Alla fine prevale l’incomunicabilità tra le due sinistre. Il disegnatore Sergio Staino si dice tradito: «Di questa Italia repubblicana, il Pd dovrebbe essere l’asse di riferimento. Invece non c’è. Ci ha spiazzati tutti». Adriano Sofri si guarda attorno un po’ spaesato: «Io avrei voluto telefonare nella notte a Renzi per dirgli: vieni pure in incognito, ma vieni». Dice anche Paolo Bernabucci, il patron dell’associazione Gus, protagonisti assoluti nell’assistenza ai richiedenti asilo: «Noi siamo sotto attacco, ma questa piazza piena di gente ci dà forza. Assurdo equiparare chi manifesta per la Costituzione con i fascisti. Noi siamo la parte buona, non dimentichiamolo».

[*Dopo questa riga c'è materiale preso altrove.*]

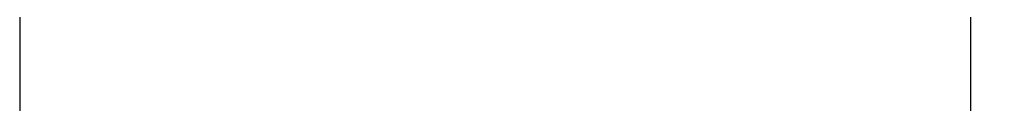
# Model space of a CAD drawing. Units: inches. Extents: x 2091 to 2899, y 967 to 2217.
# Tile 5 of 256: x 2212 to 2312, y 1081 to 1089. Entities that reach past the tile are written whole.
import ezdxf

# ---------------------------------------------------------------- set-up
doc = ezdxf.new("R2010")
doc.units = ezdxf.units.IN
doc.layers.add('A-ANNO-DIMS', color=2, linetype='Continuous', lineweight=18)
doc.styles.get("Standard").update_dxf_attribs({"font": 'arial.ttf'})
doc.dimstyles.new('ISO-25', dxfattribs={"dimtxt": 4, "dimasz": 4, "dimexe": 1.25, "dimexo": 0.625, "dimtad": 1, "dimdec": 0, "dimlunit": 3, "dimtxsty": 'Standard', "dimcen": 2.5, "dimadec": 0, "dimazin": 0, "dimtfac": 1, "dimtdec": 0, "dimtmove": 0, "dimatfit": 3, "dimfxl": 1, "dimarcsym": 0})

# ---------------------------------------------------------------- blocks, each defined once
blk = doc.blocks.new('*D71')
at = {"layer": 'A-ANNO-DIMS', "color": 0, "lineweight": -2, "transparency": 16777216}
for p, q in [((2212.144, 1351.294), (2212.144, 969.464)), ((2452.144, 1351.294), (2452.144, 969.464)), ((2216.144, 970.714), (2448.144, 970.714))]:
    blk.add_line(p, q, dxfattribs=at)
at = {"layer": 'A-ANNO-DIMS', "color": 0, "transparency": 16777216}
for points in [[(2216.144, 971.381), (2216.144, 970.048), (2212.144, 970.714)], [(2448.144, 971.381), (2448.144, 970.048), (2452.144, 970.714)]]:
    blk.add_solid(points, dxfattribs=at)
at = {"layer": 'Defpoints', "color": 0, "transparency": 16777216}
for p in [(2212.144, 1351.919), (2452.144, 1351.919), (2452.144, 970.714)]:
    blk.add_point(p, dxfattribs=at)
at = {"layer": 'A-ANNO-DIMS', "color": 0, "transparency": 16777216, "insert": (2332.144, 973.382), "char_height": 4, "attachment_point": 5}
blk.add_mtext('20\'-0"', dxfattribs=at)
blk = doc.blocks.new('*D75')
at = {"layer": 'A-ANNO-DIMS', "color": 0, "lineweight": -2, "transparency": 16777216}
for p, q in [((2212.144, 1274.794), (2212.144, 969.464)), ((2308.144, 1274.794), (2308.144, 969.464)), ((2216.144, 970.714), (2304.144, 970.714))]:
    blk.add_line(p, q, dxfattribs=at)
at = {"layer": 'A-ANNO-DIMS', "color": 0, "transparency": 16777216}
for points in [[(2216.144, 971.381), (2216.144, 970.048), (2212.144, 970.714)], [(2304.144, 971.381), (2304.144, 970.048), (2308.144, 970.714)]]:
    blk.add_solid(points, dxfattribs=at)
at = {"layer": 'Defpoints', "color": 0, "transparency": 16777216}
for p in [(2212.144, 1275.419), (2308.144, 1275.419), (2308.144, 970.714)]:
    blk.add_point(p, dxfattribs=at)
at = {"layer": 'A-ANNO-DIMS', "color": 0, "transparency": 16777216, "insert": (2260.144, 973.382), "char_height": 4, "attachment_point": 5}
blk.add_mtext('8\'-0"', dxfattribs=at)

msp = doc.modelspace()

# ---------------------------------------------------------------- dimensions: what is measured, and where the dimension line sits
at = {"layer": 'A-ANNO-DIMS'}
for base, p1, p2, picture, middle in [((2452.144, 970.714), (2212.144, 1351.919), (2452.144, 1351.919), '*D71', (2332.144, 973.382)), ((2308.144, 970.714), (2212.144, 1275.419), (2308.144, 1275.419), '*D75', (2260.144, 973.382))]:
    dim = msp.add_linear_dim(base=base, p1=p1, p2=p2, dimstyle='ISO-25', override={"dimdec": 1, "dimlfac": 1, "dimrnd": 0, "dimzin": 1, "dimdsep": 46, "dimlunit": 4, "dimfrac": 2}, dxfattribs=at)
    dim.commit()
    dim.dimension.update_dxf_attribs({"geometry": picture, "text_midpoint": middle})

doc.saveas('drawing.dxf')

Fin qui, la sinistra-sinistra che compete con il Pd alle elezioni, punzecchia Renzi, usa Minniti come un ariete. Per intenderci, i Nicola Fratoianni, i Pippo Civati, i Marco Furfaro. Oppure quelli di Potere al popolo, con la staffetta partigiana Lidia Menapace, 94 anni e ancora in piazza. Ci sono però anche gli altri, quelli dell’area antagonista, che per fortuna ieri non hanno dato il minimo problema di ordine pubblico. E dal gruppetto padovano di «Aktion antifascista» si leva il coretto: «Ma che belle son le foibe/da Trieste in giù». Oppure lo slogan truculento: «I covi dei fascisti/si chiudono con il fuoco. Ma con i fascisti dentro/sennò è troppo poco». Gelo generale.